# props



## hoffie08 (Nov 18, 2008)

i started to build my first set for next year it is my opening room. it has bones and stuff like that a desk lamp for the only light maybe a little fog i need help for what i should use as the walls i am going to build the rooms and walls in my basement cause i live in wisconsin so it gets cold in the winter. and when to other ppl start to build. and i need other room ideas and more stuff that i can put in my opening room thanks. i have no theme it is just old style every kind of room.
thanks


----------



## joker (Sep 25, 2007)

Coming up with a theme can be very helpful in deciding what to do for additional rooms. As far as walls go there lots of options here.

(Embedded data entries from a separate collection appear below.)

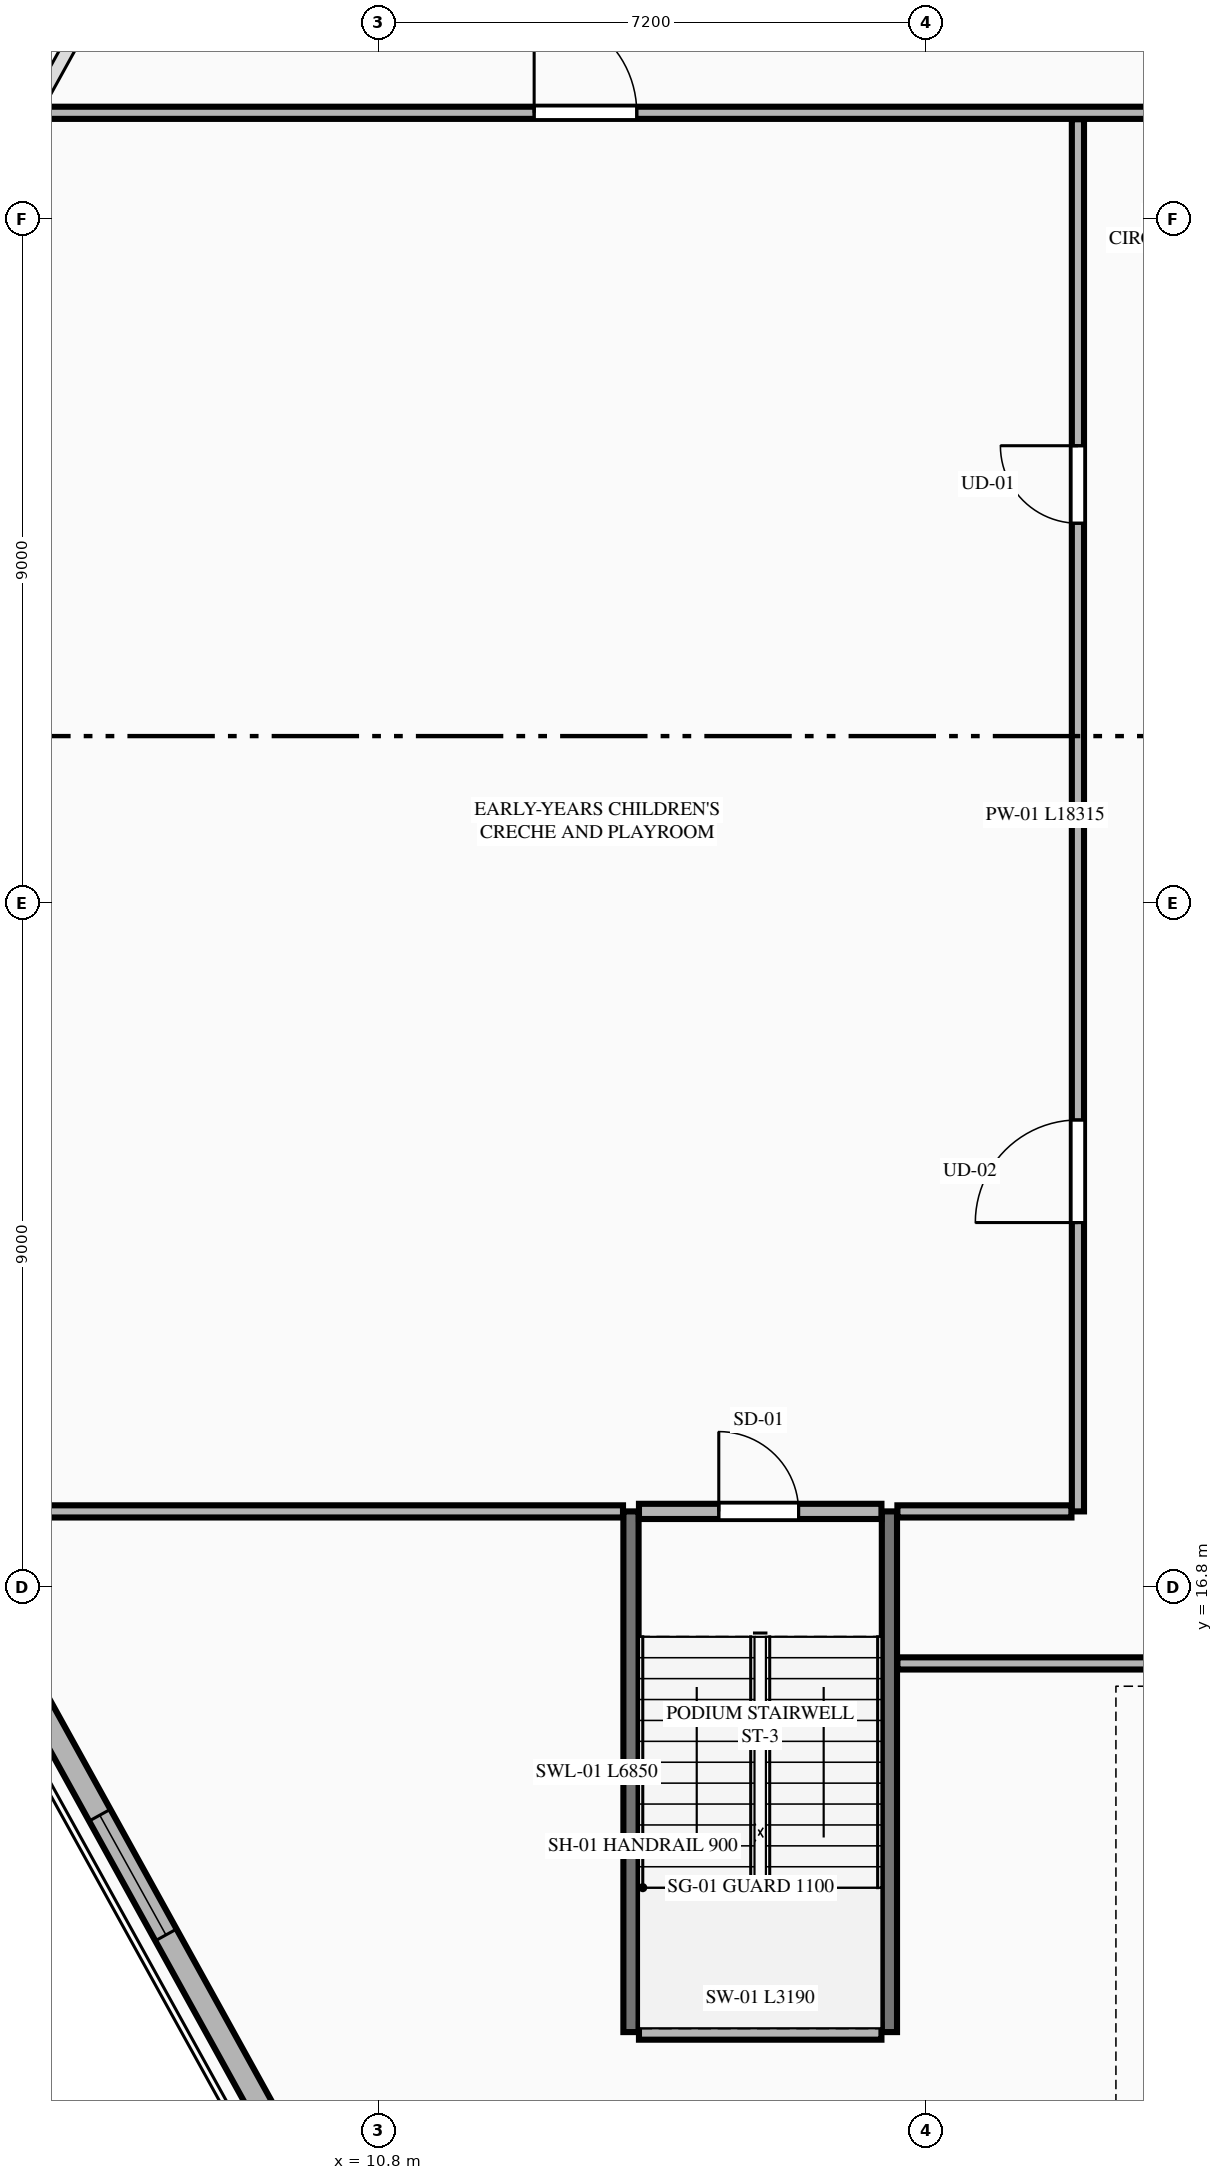
"""IFC4 building model, lengths in metres.
Left out: names, types, materials, properties, quantities, classifications, styles, units other than length and angle.
Written with IfcOpenShell. Run it as: python <this file> out.ifc"""

import sys

from ifc_helpers import new_model, si_unit, direction, frame, frame_2d, origin, place, context, subcontext, project, spatial, rectangle, extrude, element, fill, save


model = new_model("IFC4")
c1 = context("Model", 3, precision=1e-05, world=origin(), true_north=direction((0.0, 1.0)))
c2 = subcontext(c1, "Body", "Model", "MODEL_VIEW")
j1 = project(units=[si_unit("LENGTHUNIT", "METRE"), si_unit("PLANEANGLEUNIT", "RADIAN")], contexts=[c1])
p1 = place(None, origin())
s1 = spatial("IfcSite", under=j1, at=p1, CompositionType="ELEMENT")
p2 = place(p1, origin())
s2 = spatial("IfcBuilding", under=s1, at=p2, CompositionType="ELEMENT")
p3 = place(p2, frame((0.0, 0.0, 15.0)))
s3 = spatial("IfcBuildingStorey", under=s2, at=p3, CompositionType="ELEMENT", Elevation=15.0)
for number, where, z_axis, x_axis in (
    (1, (14.12, 10.95, 0.0), (0.0, 0.0, 1.0), (0.0, 1.0, 0.0)),
    (2, (17.52, 10.95, 0.0), (0.0, 0.0, 1.0), (0.0, 1.0, 0.0)),
):
    element("IfcWall", number, at=place(p3, frame(where, z_axis=z_axis, x_axis=x_axis)), inside=s3, PredefinedType="SHEAR", context=c2, shape_type="SweptSolid", body=[
        extrude(rectangle(XDim=6.85, YDim=0.2, at=frame_2d((3.425, 0.0))), origin(), (0.0, 0.0, 1.0), 4.5),
    ])
p4 = place(p3, frame((14.225, 10.95, 0.0), z_axis=(0.0, 0.0, 1.0), x_axis=(1.0, 0.0, 0.0)))
e3 = element("IfcWall", 3, at=p4, inside=s3, PredefinedType="PLUMBINGWALL", context=c2, shape_type="SweptSolid", body=[
    extrude(rectangle(XDim=3.19, YDim=0.2, at=frame_2d((1.595, 0.0))), origin(), (0.0, 0.0, 1.0), 4.22),
])
p5 = place(p3, frame((14.225, 17.8, 0.0), z_axis=(0.0, 0.0, 1.0), x_axis=(1.0, 0.0, 0.0)))
e4 = element("IfcWall", 4, at=p5, inside=s3, PredefinedType="PLUMBINGWALL", context=c2, shape_type="SweptSolid", body=[
    extrude(rectangle(XDim=3.19, YDim=0.2, at=frame_2d((1.595, 0.0))), origin(), (0.0, 0.0, 1.0), 4.22),
])
p6 = place(p5, frame((1.05, 0.0, 0.0)))
e5 = element("IfcOpeningElement", 5, at=p6, cuts=e4, PredefinedType="OPENING", context=c2, shape_type="SweptSolid", body=[
    extrude(rectangle(XDim=1.05, YDim=2.15, at=frame_2d((0.525, 1.075))), frame((0.0, 0.11, 0.0), z_axis=(0.0, -1.0, 0.0), x_axis=(1.0, 0.0, 0.0)), (0.0, 0.0, 1.0), 0.22),
])
p7 = place(p3, frame((17.625, 15.8, 0.0), z_axis=(0.0, 0.0, 1.0), x_axis=(1.0, 0.0, 0.0)))
e6 = element("IfcWall", 6, at=p7, inside=s3, PredefinedType="PARTITIONING", context=c2, shape_type="SweptSolid", body=[
    extrude(rectangle(XDim=29.59, YDim=0.16, at=frame_2d((14.795, 0.0))), origin(), (0.0, 0.0, 1.0), 4.22),
])
p8 = place(p7, frame((3.5, 0.0, 0.0)))
e7 = element("IfcOpeningElement", 7, at=p8, cuts=e6, PredefinedType="OPENING", context=c2, shape_type="SweptSolid", body=[
    extrude(rectangle(XDim=1.35, YDim=2.35, at=frame_2d((0.675, 1.175))), frame((0.0, 0.09, 0.0), z_axis=(0.0, -1.0, 0.0), x_axis=(1.0, 0.0, 0.0)), (0.0, 0.0, 1.0), 0.18),
])
p9 = place(p7, frame((24.5, 0.0, 0.0)))
e8 = element("IfcOpeningElement", 8, at=p9, cuts=e6, PredefinedType="OPENING", context=c2, shape_type="SweptSolid", body=[
    extrude(rectangle(XDim=1.35, YDim=2.35, at=frame_2d((0.675, 1.175))), frame((0.0, 0.09, 0.0), z_axis=(0.0, -1.0, 0.0), x_axis=(1.0, 0.0, 0.0)), (0.0, 0.0, 1.0), 0.18),
])
p10 = place(p3, frame((17.625, 17.8, 0.0), z_axis=(0.0, 0.0, 1.0), x_axis=(1.0, 0.0, 0.0)))
e9 = element("IfcWall", 9, at=p10, inside=s3, PredefinedType="PARTITIONING", context=c2, shape_type="SweptSolid", body=[
    extrude(rectangle(XDim=2.29, YDim=0.16, at=frame_2d((1.145, 0.0))), origin(), (0.0, 0.0, 1.0), 4.22),
])
p11 = place(p3, frame((5.02, 17.8, 0.0), z_axis=(0.0, 0.0, 1.0), x_axis=(1.0, 0.0, 0.0)))
e10 = element("IfcWall", 10, at=p11, inside=s3, PredefinedType="PARTITIONING", context=c2, shape_type="SweptSolid", body=[
    extrude(rectangle(XDim=8.995, YDim=0.16, at=frame_2d((4.498, 0.0))), origin(), (0.0, 0.0, 1.0), 4.22),
])
p12 = place(p3, frame((20.0, 17.8, 0.0), z_axis=(0.0, 0.0, 1.0), x_axis=(0.0, 1.0, 0.0)))
e11 = element("IfcWall", 11, at=p12, inside=s3, PredefinedType="PARTITIONING", context=c2, shape_type="SweptSolid", body=[
    extrude(rectangle(XDim=18.315, YDim=0.16, at=frame_2d((9.157, 0.0))), origin(), (0.0, 0.0, 1.0), 4.22),
])
p13 = place(p12, frame((3.8, 0.0, 0.0)))
e12 = element("IfcOpeningElement", 12, at=p13, cuts=e11, PredefinedType="OPENING", context=c2, shape_type="SweptSolid", body=[
    extrude(rectangle(XDim=1.35, YDim=2.35, at=frame_2d((0.675, 1.175))), frame((0.0, 0.09, 0.0), z_axis=(0.0, -1.0, 0.0), x_axis=(1.0, 0.0, 0.0)), (0.0, 0.0, 1.0), 0.18),
])
p14 = place(p12, frame((13.0, 0.0, 0.0)))
e13 = element("IfcOpeningElement", 13, at=p14, cuts=e11, PredefinedType="OPENING", context=c2, shape_type="SweptSolid", body=[
    extrude(rectangle(XDim=1.02, YDim=2.25, at=frame_2d((0.51, 1.125))), frame((0.0, 0.09, 0.0), z_axis=(0.0, -1.0, 0.0), x_axis=(1.0, 0.0, 0.0)), (0.0, 0.0, 1.0), 0.18),
])
p15 = place(p3, frame((6.346, 36.2, 0.0), z_axis=(0.0, 0.0, 1.0), x_axis=(1.0, 0.0, 0.0)))
e14 = element("IfcWall", 14, at=p15, inside=s3, PredefinedType="PARTITIONING", context=c2, shape_type="SweptSolid", body=[
    extrude(rectangle(XDim=52.108, YDim=0.16, at=frame_2d((26.054, 0.0))), origin(), (0.0, 0.0, 1.0), 4.22),
])
p16 = place(p15, frame((6.5, 0.0, 0.0)))
e15 = element("IfcOpeningElement", 15, at=p16, cuts=e14, PredefinedType="OPENING", context=c2, shape_type="SweptSolid", body=[
    extrude(rectangle(XDim=1.35, YDim=2.35, at=frame_2d((0.675, 1.175))), frame((0.0, 0.09, 0.0), z_axis=(0.0, -1.0, 0.0), x_axis=(1.0, 0.0, 0.0)), (0.0, 0.0, 1.0), 0.18),
])
p17 = place(p15, frame((26.5, 0.0, 0.0)))
e16 = element("IfcOpeningElement", 16, at=p17, cuts=e14, PredefinedType="OPENING", context=c2, shape_type="SweptSolid", body=[
    extrude(rectangle(XDim=1.35, YDim=2.35, at=frame_2d((0.675, 1.175))), frame((0.0, 0.09, 0.0), z_axis=(0.0, -1.0, 0.0), x_axis=(1.0, 0.0, 0.0)), (0.0, 0.0, 1.0), 0.18),
])
p18 = place(p3, frame((4.419, 18.711, 0.0), z_axis=(0.0, 0.0, 1.0), x_axis=(0.483698591046, -0.875234638837, 0.0)))
e17 = element("IfcWall", 17, at=p18, inside=s3, PredefinedType="STANDARD", context=c2, shape_type="SweptSolid", body=[
    extrude(rectangle(XDim=13.015, YDim=0.32, at=frame_2d((6.507, 0.0))), origin(), (0.0, 0.0, 1.0), 4.22),
])
p19 = place(p18, frame((5.607, 0.0, 0.75)))
e18 = element("IfcOpeningElement", 18, at=p19, cuts=e17, PredefinedType="OPENING", context=c2, shape_type="SweptSolid", body=[
    extrude(rectangle(XDim=1.8, YDim=2.4, at=frame_2d((0.9, 1.2))), frame((0.0, 0.17, 0.0), z_axis=(0.0, -1.0, 0.0), x_axis=(1.0, 0.0, 0.0)), (0.0, 0.0, 1.0), 0.34),
])
p20 = place(p6, origin())
e19 = element("IfcDoor", 19, at=p20, inside=s3, OperationType="SINGLE_SWING_LEFT", PredefinedType="DOOR", context=c2, shape_type="SweptSolid", body=[
    extrude(rectangle(XDim=1.05, YDim=2.15, at=frame_2d((0.525, 1.075))), frame((0.0, 0.025, 0.0), z_axis=(0.0, -1.0, 0.0), x_axis=(1.0, 0.0, 0.0)), (0.0, 0.0, 1.0), 0.05),
])
fill(e5, e19)
p21 = place(p13, origin())
e20 = element("IfcDoor", 20, at=p21, inside=s3, OperationType="SINGLE_SWING_LEFT", PredefinedType="DOOR", context=c2, shape_type="SweptSolid", body=[
    extrude(rectangle(XDim=1.35, YDim=2.35, at=frame_2d((0.675, 1.175))), frame((0.0, 0.025, 0.0), z_axis=(0.0, -1.0, 0.0), x_axis=(1.0, 0.0, 0.0)), (0.0, 0.0, 1.0), 0.05),
])
fill(e12, e20)
p22 = place(p14, origin())
e21 = element("IfcDoor", 21, at=p22, inside=s3, OperationType="SINGLE_SWING_RIGHT", PredefinedType="DOOR", context=c2, shape_type="SweptSolid", body=[
    extrude(rectangle(XDim=1.02, YDim=2.25, at=frame_2d((0.51, 1.125))), frame((0.0, 0.025, 0.0), z_axis=(0.0, -1.0, 0.0), x_axis=(1.0, 0.0, 0.0)), (0.0, 0.0, 1.0), 0.05),
])
fill(e13, e21)
p23 = place(p16, origin())
e22 = element("IfcDoor", 22, at=p23, inside=s3, OperationType="SINGLE_SWING_LEFT", PredefinedType="DOOR", context=c2, shape_type="SweptSolid", body=[
    extrude(rectangle(XDim=1.35, YDim=2.35, at=frame_2d((0.675, 1.175))), frame((0.0, 0.025, 0.0), z_axis=(0.0, -1.0, 0.0), x_axis=(1.0, 0.0, 0.0)), (0.0, 0.0, 1.0), 0.05),
])
fill(e15, e22)
p24 = place(p19, origin())
e23 = element("IfcWindow", 23, at=p24, inside=s3, PartitioningType="SINGLE_PANEL", PredefinedType="WINDOW", context=c2, shape_type="SweptSolid", body=[
    extrude(rectangle(XDim=1.8, YDim=2.4, at=frame_2d((0.9, 1.2))), frame((0.0, 0.03, 0.0), z_axis=(0.0, -1.0, 0.0), x_axis=(1.0, 0.0, 0.0)), (0.0, 0.0, 1.0), 0.06),
])
fill(e18, e23)
save(model, sys.argv[1])

I've used 3/8" OSB hinged togther, OSB with a 2x4 frame to make modular panels, and even old doors. Others have used black plastic, canvas, tarps, etc... Whatever I build, I always keep safety in mind. I'd feel horrible if I built something that caused someone to be injured.


----------



## Mr_Chicken (Nov 26, 2008)

I, too, would suggest coming up with a theme. You don't have to be strict about it (I'm certainly not), but it helps to give the haunt a more natural flow than if you just jump all over the place with different things.
A theme will also make it easier to come up with new ideas.
You can stil have a variety of rooms/props, just sort of bend them to fit the theme.

Just my opinion.


----------